The glory of the gospel is that when the Church is absolutely different from the world, she invariably attracts it. It is then that the world is made to listen to her message, though it may hate it at first. That is how revival comes. That must also be true of us as individuals. It should not be our ambition to be as much like everybody else as we can, though we happen to be Christian, but rather to be as different from everybody who is not a Christian as we can possibly be. Our ambition should be to be like Christ, the more like Him the better, and the more like Him we become, the more we shall be unlike everybody who is not a Christian.
Let me show you this in detail. The Christian and the non-Christian are absolutely different in what they admire. The Christian admires the man who is ‘poor in spirit’, while the Greek philosophers despised such a man, and all who follow Greek philosophy, whether intellectually or practically, still do exactly the same thing. What the world says about the true Christian is that he is a weakling, an apology for a man, or that he isn’t manly. Those are its expressions. The world believes in self-confidence, self-expression and the mastery of life; the Christian believes in being ‘poor in spirit’. Take the newspapers and see the kind of person the world admires. You will never find anything that is further removed from the Beatitudes than that which appeals to the natural man and the man of the world. What calls forth his admiration is the very antithesis of what you find here. The natural man likes an element of boastfulness, but that is the very thing that is condemned in the Beatitudes.
Then, obviously, they must be different in what they seek. ‘Blessed are they which do hunger and thirst.’ After what? Wealth, money, status, position, publicity? Not at all. ‘Righteousness.’ And righteousness is being right with God. Take any man who does not claim to be a Christian and who is not interested in Christianity. Find out what he is seeking and what he really wants, and you will see it is always different from this.
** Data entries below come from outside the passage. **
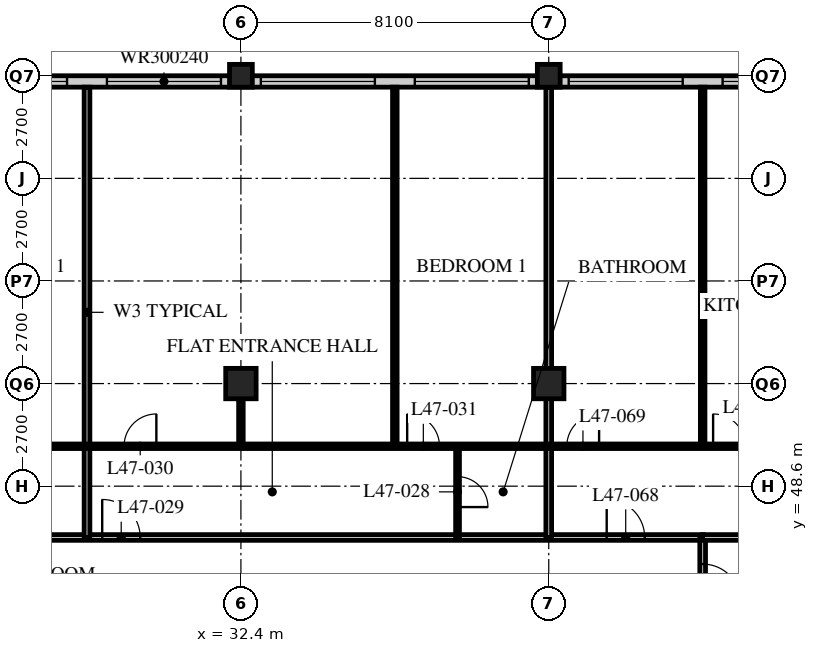
"""IFC4 building model, lengths in metres.
Left out: names, types, materials, properties, quantities, classifications, styles, units other than length and angle.
Written with IfcOpenShell. Run it as: python <this file> out.ifc"""

import sys

from ifc_helpers import new_model, si_unit, direction, frame, frame_2d, origin, origin_2d, place, context, subcontext, project, spatial, rectangle, hollow_rectangle, extrude, element, fill, save


model = new_model("IFC4")
c1 = context("Model", 3, precision=1e-05, world=origin(), true_north=direction((0.0, 1.0)))
c2 = subcontext(c1, "Body", "Model", "MODEL_VIEW")
j1 = project(units=[si_unit("LENGTHUNIT", "METRE"), si_unit("PLANEANGLEUNIT", "RADIAN")], contexts=[c1])
p1 = place(None, origin())
s1 = spatial("IfcSite", under=j1, at=p1, CompositionType="ELEMENT")
p2 = place(p1, origin())
s2 = spatial("IfcBuilding", under=s1, at=p2, CompositionType="ELEMENT")
p3 = place(p2, frame((0.0, 0.0, 184.8)))
s3 = spatial("IfcBuildingStorey", under=s2, at=p3, CompositionType="ELEMENT", Elevation=184.8)
p4 = place(p3, frame((32.4, 51.3, 0.0), z_axis=(0.0, 0.0, 1.0), x_axis=(1.0, 0.0, 0.0)))
e1 = element("IfcColumn", 1, at=p4, inside=s3, PredefinedType="COLUMN", context=c2, shape_type="SweptSolid", body=[
    extrude(hollow_rectangle(XDim=0.8, YDim=0.8, WallThickness=0.08, at=origin_2d()), origin(), (0.0, 0.0, 1.0), 3.6),
])
p5 = place(p3, frame((32.4, 59.4, 0.0), z_axis=(0.0, 0.0, 1.0), x_axis=(1.0, 0.0, 0.0)))
e2 = element("IfcColumn", 2, at=p5, inside=s3, PredefinedType="COLUMN", context=c2, shape_type="SweptSolid", body=[
    extrude(hollow_rectangle(XDim=0.6, YDim=0.6, WallThickness=0.05, at=origin_2d()), origin(), (0.0, 0.0, 1.0), 3.6),
])
p6 = place(p3, frame((40.5, 51.3, 0.0), z_axis=(0.0, 0.0, 1.0), x_axis=(1.0, 0.0, 0.0)))
e3 = element("IfcColumn", 3, at=p6, inside=s3, PredefinedType="COLUMN", context=c2, shape_type="SweptSolid", body=[
    extrude(hollow_rectangle(XDim=0.8, YDim=0.8, WallThickness=0.08, at=origin_2d()), origin(), (0.0, 0.0, 1.0), 3.6),
])
p7 = place(p3, frame((40.5, 59.4, 0.0), z_axis=(0.0, 0.0, 1.0), x_axis=(1.0, 0.0, 0.0)))
e4 = element("IfcColumn", 4, at=p7, inside=s3, PredefinedType="COLUMN", context=c2, shape_type="SweptSolid", body=[
    extrude(hollow_rectangle(XDim=0.6, YDim=0.6, WallThickness=0.05, at=origin_2d()), origin(), (0.0, 0.0, 1.0), 3.6),
])
p8 = place(p3, frame((48.3, 59.25, 0.0), z_axis=(0.0, 0.0, 1.0), x_axis=(-1.0, 0.0, 0.0)))
e5 = element("IfcWall", 5, at=p8, inside=s3, PredefinedType="SOLIDWALL", context=c2, shape_type="SweptSolid", body=[
    extrude(rectangle(XDim=40.2, YDim=0.3, at=frame_2d((20.1, 0.0))), origin(), (0.0, 0.0, 1.0), 3.39),
])
p9 = place(p8, frame((0.225, 0.0, 0.6)))
e6 = element("IfcOpeningElement", 6, at=p9, cuts=e5, PredefinedType="OPENING", context=c2, shape_type="SweptSolid", body=[
    extrude(rectangle(XDim=3.0, YDim=2.4, at=frame_2d((1.5, 1.2))), frame((0.0, 0.16, 0.0), z_axis=(0.0, -1.0, 0.0), x_axis=(1.0, 0.0, 0.0)), (0.0, 0.0, 1.0), 0.32),
])
p10 = place(p8, frame((4.275, 0.0, 0.6)))
e7 = element("IfcOpeningElement", 7, at=p10, cuts=e5, PredefinedType="OPENING", context=c2, shape_type="SweptSolid", body=[
    extrude(rectangle(XDim=3.0, YDim=2.4, at=frame_2d((1.5, 1.2))), frame((0.0, 0.16, 0.0), z_axis=(0.0, -1.0, 0.0), x_axis=(1.0, 0.0, 0.0)), (0.0, 0.0, 1.0), 0.32),
])
p11 = place(p8, frame((8.325, 0.0, 0.6)))
e8 = element("IfcOpeningElement", 8, at=p11, cuts=e5, PredefinedType="OPENING", context=c2, shape_type="SweptSolid", body=[
    extrude(rectangle(XDim=3.0, YDim=2.4, at=frame_2d((1.5, 1.2))), frame((0.0, 0.16, 0.0), z_axis=(0.0, -1.0, 0.0), x_axis=(1.0, 0.0, 0.0)), (0.0, 0.0, 1.0), 0.32),
])
p12 = place(p8, frame((12.375, 0.0, 0.6)))
e9 = element("IfcOpeningElement", 9, at=p12, cuts=e5, PredefinedType="OPENING", context=c2, shape_type="SweptSolid", body=[
    extrude(rectangle(XDim=3.0, YDim=2.4, at=frame_2d((1.5, 1.2))), frame((0.0, 0.16, 0.0), z_axis=(0.0, -1.0, 0.0), x_axis=(1.0, 0.0, 0.0)), (0.0, 0.0, 1.0), 0.32),
])
p13 = place(p8, frame((16.425, 0.0, 0.6)))
e10 = element("IfcOpeningElement", 10, at=p13, cuts=e5, PredefinedType="OPENING", context=c2, shape_type="SweptSolid", body=[
    extrude(rectangle(XDim=3.0, YDim=2.4, at=frame_2d((1.5, 1.2))), frame((0.0, 0.16, 0.0), z_axis=(0.0, -1.0, 0.0), x_axis=(1.0, 0.0, 0.0)), (0.0, 0.0, 1.0), 0.32),
])
p14 = place(p8, frame((20.475, 0.0, 0.6)))
e11 = element("IfcOpeningElement", 11, at=p14, cuts=e5, PredefinedType="OPENING", context=c2, shape_type="SweptSolid", body=[
    extrude(rectangle(XDim=3.0, YDim=2.4, at=frame_2d((1.5, 1.2))), frame((0.0, 0.16, 0.0), z_axis=(0.0, -1.0, 0.0), x_axis=(1.0, 0.0, 0.0)), (0.0, 0.0, 1.0), 0.32),
])
p15 = place(p8, frame((24.525, 0.0, 0.6)))
e12 = element("IfcOpeningElement", 12, at=p15, cuts=e5, PredefinedType="OPENING", context=c2, shape_type="SweptSolid", body=[
    extrude(rectangle(XDim=3.0, YDim=2.4, at=frame_2d((1.5, 1.2))), frame((0.0, 0.16, 0.0), z_axis=(0.0, -1.0, 0.0), x_axis=(1.0, 0.0, 0.0)), (0.0, 0.0, 1.0), 0.32),
])
p16 = place(p8, frame((28.575, 0.0, 0.6)))
e13 = element("IfcOpeningElement", 13, at=p16, cuts=e5, PredefinedType="OPENING", context=c2, shape_type="SweptSolid", body=[
    extrude(rectangle(XDim=3.0, YDim=2.4, at=frame_2d((1.5, 1.2))), frame((0.0, 0.16, 0.0), z_axis=(0.0, -1.0, 0.0), x_axis=(1.0, 0.0, 0.0)), (0.0, 0.0, 1.0), 0.32),
])
p17 = place(p8, frame((32.625, 0.0, 0.6)))
e14 = element("IfcOpeningElement", 14, at=p17, cuts=e5, PredefinedType="OPENING", context=c2, shape_type="SweptSolid", body=[
    extrude(rectangle(XDim=3.0, YDim=2.4, at=frame_2d((1.5, 1.2))), frame((0.0, 0.16, 0.0), z_axis=(0.0, -1.0, 0.0), x_axis=(1.0, 0.0, 0.0)), (0.0, 0.0, 1.0), 0.32),
])
p18 = place(p8, frame((36.675, 0.0, 0.6)))
e15 = element("IfcOpeningElement", 15, at=p18, cuts=e5, PredefinedType="OPENING", context=c2, shape_type="SweptSolid", body=[
    extrude(rectangle(XDim=3.0, YDim=2.4, at=frame_2d((1.5, 1.2))), frame((0.0, 0.16, 0.0), z_axis=(0.0, -1.0, 0.0), x_axis=(1.0, 0.0, 0.0)), (0.0, 0.0, 1.0), 0.32),
])
p19 = place(p3, frame((12.15, 47.25, 0.0), z_axis=(0.0, 0.0, 1.0), x_axis=(1.0, 0.0, 0.0)))
e16 = element("IfcWall", 16, at=p19, inside=s3, PredefinedType="PARTITIONING", context=c2, shape_type="SweptSolid", body=[
    extrude(rectangle(XDim=32.4, YDim=0.15, at=frame_2d((16.2, 0.0))), origin(), (0.0, 0.0, 1.0), 3.39),
])
p20 = place(p19, frame((4.45, 0.0, 0.0)))
e17 = element("IfcOpeningElement", 17, at=p20, cuts=e16, PredefinedType="OPENING", context=c2, shape_type="SweptSolid", body=[
    extrude(rectangle(XDim=1.0, YDim=2.1, at=frame_2d((0.5, 1.05))), frame((0.0, 0.085, 0.0), z_axis=(0.0, -1.0, 0.0), x_axis=(1.0, 0.0, 0.0)), (0.0, 0.0, 1.0), 0.17),
])
p21 = place(p19, frame((16.6, 0.0, 0.0)))
e18 = element("IfcOpeningElement", 18, at=p21, cuts=e16, PredefinedType="OPENING", context=c2, shape_type="SweptSolid", body=[
    extrude(rectangle(XDim=1.0, YDim=2.1, at=frame_2d((0.5, 1.05))), frame((0.0, 0.085, 0.0), z_axis=(0.0, -1.0, 0.0), x_axis=(1.0, 0.0, 0.0)), (0.0, 0.0, 1.0), 0.17),
])
p22 = place(p19, frame((29.875, 0.0, 0.0)))
e19 = element("IfcOpeningElement", 19, at=p22, cuts=e16, PredefinedType="OPENING", context=c2, shape_type="SweptSolid", body=[
    extrude(rectangle(XDim=1.0, YDim=2.1, at=frame_2d((0.5, 1.05))), frame((0.0, 0.085, 0.0), z_axis=(0.0, -1.0, 0.0), x_axis=(1.0, 0.0, 0.0)), (0.0, 0.0, 1.0), 0.17),
])
p23 = place(p19, frame((1.525, 0.0, 0.0)))
e20 = element("IfcOpeningElement", 20, at=p23, cuts=e16, PredefinedType="OPENING", context=c2, shape_type="SweptSolid", body=[
    extrude(rectangle(XDim=1.0, YDim=2.1, at=frame_2d((0.5, 1.05))), frame((0.0, 0.085, 0.0), z_axis=(0.0, -1.0, 0.0), x_axis=(1.0, 0.0, 0.0)), (0.0, 0.0, 1.0), 0.17),
])
p24 = place(p3, frame((44.55, 18.9, 0.0), z_axis=(0.0, 0.0, 1.0), x_axis=(0.0, 1.0, 0.0)))
e21 = element("IfcWall", 21, at=p24, inside=s3, PredefinedType="PARTITIONING", context=c2, shape_type="SweptSolid", body=[
    extrude(rectangle(XDim=28.35, YDim=0.15, at=frame_2d((14.175, 0.0))), origin(), (0.0, 0.0, 1.0), 3.39),
])
p25 = place(p24, frame((0.4, 0.0, 0.0)))
e22 = element("IfcOpeningElement", 22, at=p25, cuts=e21, PredefinedType="OPENING", context=c2, shape_type="SweptSolid", body=[
    extrude(rectangle(XDim=1.0, YDim=2.1, at=frame_2d((0.5, 1.05))), frame((0.0, 0.085, 0.0), z_axis=(0.0, -1.0, 0.0), x_axis=(1.0, 0.0, 0.0)), (0.0, 0.0, 1.0), 0.17),
])
p26 = place(p24, frame((10.45, 0.0, 0.0)))
e23 = element("IfcOpeningElement", 23, at=p26, cuts=e21, PredefinedType="OPENING", context=c2, shape_type="SweptSolid", body=[
    extrude(rectangle(XDim=1.0, YDim=2.1, at=frame_2d((0.5, 1.05))), frame((0.0, 0.085, 0.0), z_axis=(0.0, -1.0, 0.0), x_axis=(1.0, 0.0, 0.0)), (0.0, 0.0, 1.0), 0.17),
])
p27 = place(p24, frame((14.5, 0.0, 0.0)))
e24 = element("IfcOpeningElement", 24, at=p27, cuts=e21, PredefinedType="OPENING", context=c2, shape_type="SweptSolid", body=[
    extrude(rectangle(XDim=1.0, YDim=2.1, at=frame_2d((0.5, 1.05))), frame((0.0, 0.085, 0.0), z_axis=(0.0, -1.0, 0.0), x_axis=(1.0, 0.0, 0.0)), (0.0, 0.0, 1.0), 0.17),
])
p28 = place(p24, frame((16.6, 0.0, 0.0)))
e25 = element("IfcOpeningElement", 25, at=p28, cuts=e21, PredefinedType="OPENING", context=c2, shape_type="SweptSolid", body=[
    extrude(rectangle(XDim=1.0, YDim=2.1, at=frame_2d((0.5, 1.05))), frame((0.0, 0.085, 0.0), z_axis=(0.0, -1.0, 0.0), x_axis=(1.0, 0.0, 0.0)), (0.0, 0.0, 1.0), 0.17),
])
p29 = place(p24, frame((26.65, 0.0, 0.0)))
e26 = element("IfcOpeningElement", 26, at=p29, cuts=e21, PredefinedType="OPENING", context=c2, shape_type="SweptSolid", body=[
    extrude(rectangle(XDim=1.0, YDim=2.1, at=frame_2d((0.5, 1.05))), frame((0.0, 0.085, 0.0), z_axis=(0.0, -1.0, 0.0), x_axis=(1.0, 0.0, 0.0)), (0.0, 0.0, 1.0), 0.17),
])
p30 = place(p3, frame((28.35, 47.25, 0.0), z_axis=(0.0, 0.0, 1.0), x_axis=(0.0, 1.0, 0.0)))
e27 = element("IfcWall", 27, at=p30, inside=s3, PredefinedType="PARTITIONING", context=c2, shape_type="SweptSolid", body=[
    extrude(rectangle(XDim=11.85, YDim=0.15, at=frame_2d((5.925, 0.0))), origin(), (0.0, 0.0, 1.0), 3.39),
])
p31 = place(p3, frame((38.1, 47.25, 0.0), z_axis=(0.0, 0.0, 1.0), x_axis=(0.0, 1.0, 0.0)))
e28 = element("IfcWall", 28, at=p31, inside=s3, PredefinedType="PARTITIONING", context=c2, shape_type="SweptSolid", body=[
    extrude(rectangle(XDim=2.4, YDim=0.1, at=frame_2d((1.2, 0.0))), origin(), (0.0, 0.0, 1.0), 3.39),
])
p32 = place(p31, frame((0.8, 0.0, 0.0)))
e29 = element("IfcOpeningElement", 29, at=p32, cuts=e28, PredefinedType="OPENING", context=c2, shape_type="SweptSolid", body=[
    extrude(rectangle(XDim=0.8, YDim=2.1, at=frame_2d((0.4, 1.05))), frame((0.0, 0.06, 0.0), z_axis=(0.0, -1.0, 0.0), x_axis=(1.0, 0.0, 0.0)), (0.0, 0.0, 1.0), 0.12),
])
for number, where, z_axis, x_axis in (
    (30, (36.45, 49.65, 0.0), (0.0, 0.0, 1.0), (0.0, 1.0, 0.0)),
    (31, (44.55, 49.65, 0.0), (0.0, 0.0, 1.0), (0.0, 1.0, 0.0)),
):
    element("IfcWall", number, at=place(p3, frame(where, z_axis=z_axis, x_axis=x_axis)), inside=s3, PredefinedType="PARTITIONING", context=c2, shape_type="SweptSolid", body=[
        extrude(rectangle(XDim=9.45, YDim=0.12, at=frame_2d((4.725, 0.0))), origin(), (0.0, 0.0, 1.0), 3.39),
    ])
p33 = place(p3, frame((44.55, 47.25, 0.0), z_axis=(0.0, 0.0, 1.0), x_axis=(1.0, 0.0, 0.0)))
e32 = element("IfcWall", 32, at=p33, inside=s3, PredefinedType="PARTITIONING", context=c2, shape_type="SweptSolid", body=[
    extrude(rectangle(XDim=11.85, YDim=0.15, at=frame_2d((5.925, 0.0))), origin(), (0.0, 0.0, 1.0), 3.39),
])
p34 = place(p3, frame((40.5, 47.25, 0.0), z_axis=(0.0, 0.0, 1.0), x_axis=(0.0, 1.0, 0.0)))
e33 = element("IfcWall", 33, at=p34, inside=s3, PredefinedType="PARTITIONING", context=c2, shape_type="SweptSolid", body=[
    extrude(rectangle(XDim=11.85, YDim=0.15, at=frame_2d((5.925, 0.0))), origin(), (0.0, 0.0, 1.0), 2.778),
])
p35 = place(p3, frame((8.15, 49.65, 0.0), z_axis=(0.0, 0.0, 1.0), x_axis=(1.0, 0.0, 0.0)))
e34 = element("IfcWall", 34, at=p35, inside=s3, PredefinedType="PARTITIONING", context=c2, shape_type="SweptSolid", body=[
    extrude(rectangle(XDim=40.4, YDim=0.12, at=frame_2d((20.2, 0.0))), origin(), (0.0, 0.0, 1.0), 3.39),
])
p36 = place(p35, frame((9.025, 0.0, 0.0)))
e35 = element("IfcOpeningElement", 35, at=p36, cuts=e34, PredefinedType="OPENING", context=c2, shape_type="SweptSolid", body=[
    extrude(rectangle(XDim=0.85, YDim=2.1, at=frame_2d((0.425, 1.05))), frame((0.0, 0.07, 0.0), z_axis=(0.0, -1.0, 0.0), x_axis=(1.0, 0.0, 0.0)), (0.0, 0.0, 1.0), 0.14),
])
p37 = place(p35, frame((16.475, 0.0, 0.0)))
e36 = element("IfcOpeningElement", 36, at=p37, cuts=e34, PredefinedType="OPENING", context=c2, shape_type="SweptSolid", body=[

Then, of course, they are absolutely different in what they do. That follows of necessity. If they admire and seek different things, they very clearly do different things. The result is that the life which is lived by the Christian must be an essentially different life from that of the man who is not a Christian. The non-Christian is absolutely consistent. He says he lives for this world. ‘This’, he says, ‘is the only world, and I am going to get all I can out of it.’ Now the Christian starts by saying he is not living for this world; he regards this world as but the way of entry into something vast and eternal and glorious. His whole outlook and ambition is different. He feels, therefore, that he must be living in a different way. As the man of the world is consistent, so the Christian also ought to be consistent. If he is, he will be very different from the other man; he cannot help it. Peter puts it perfectly in the second chapter of his first Epistle when he says that if we truly believe that we are a people who have been called ‘out of darkness into his marvelous light’, we must believe that this has happened to us in order that we might show forth His praises. Then he goes on to say: ‘I beseech you as strangers and pilgrims (those of you who are in this world), abstain from fleshly lusts, which war against the soul; having your conversation honest among the Gentiles: that, whereas they speak against you as evildoers, they may by your good works, which they shall behold, glorify God in the day of visitation’ (I Pet. ii. 11,12). That is nothing but an appeal to their sense of logic.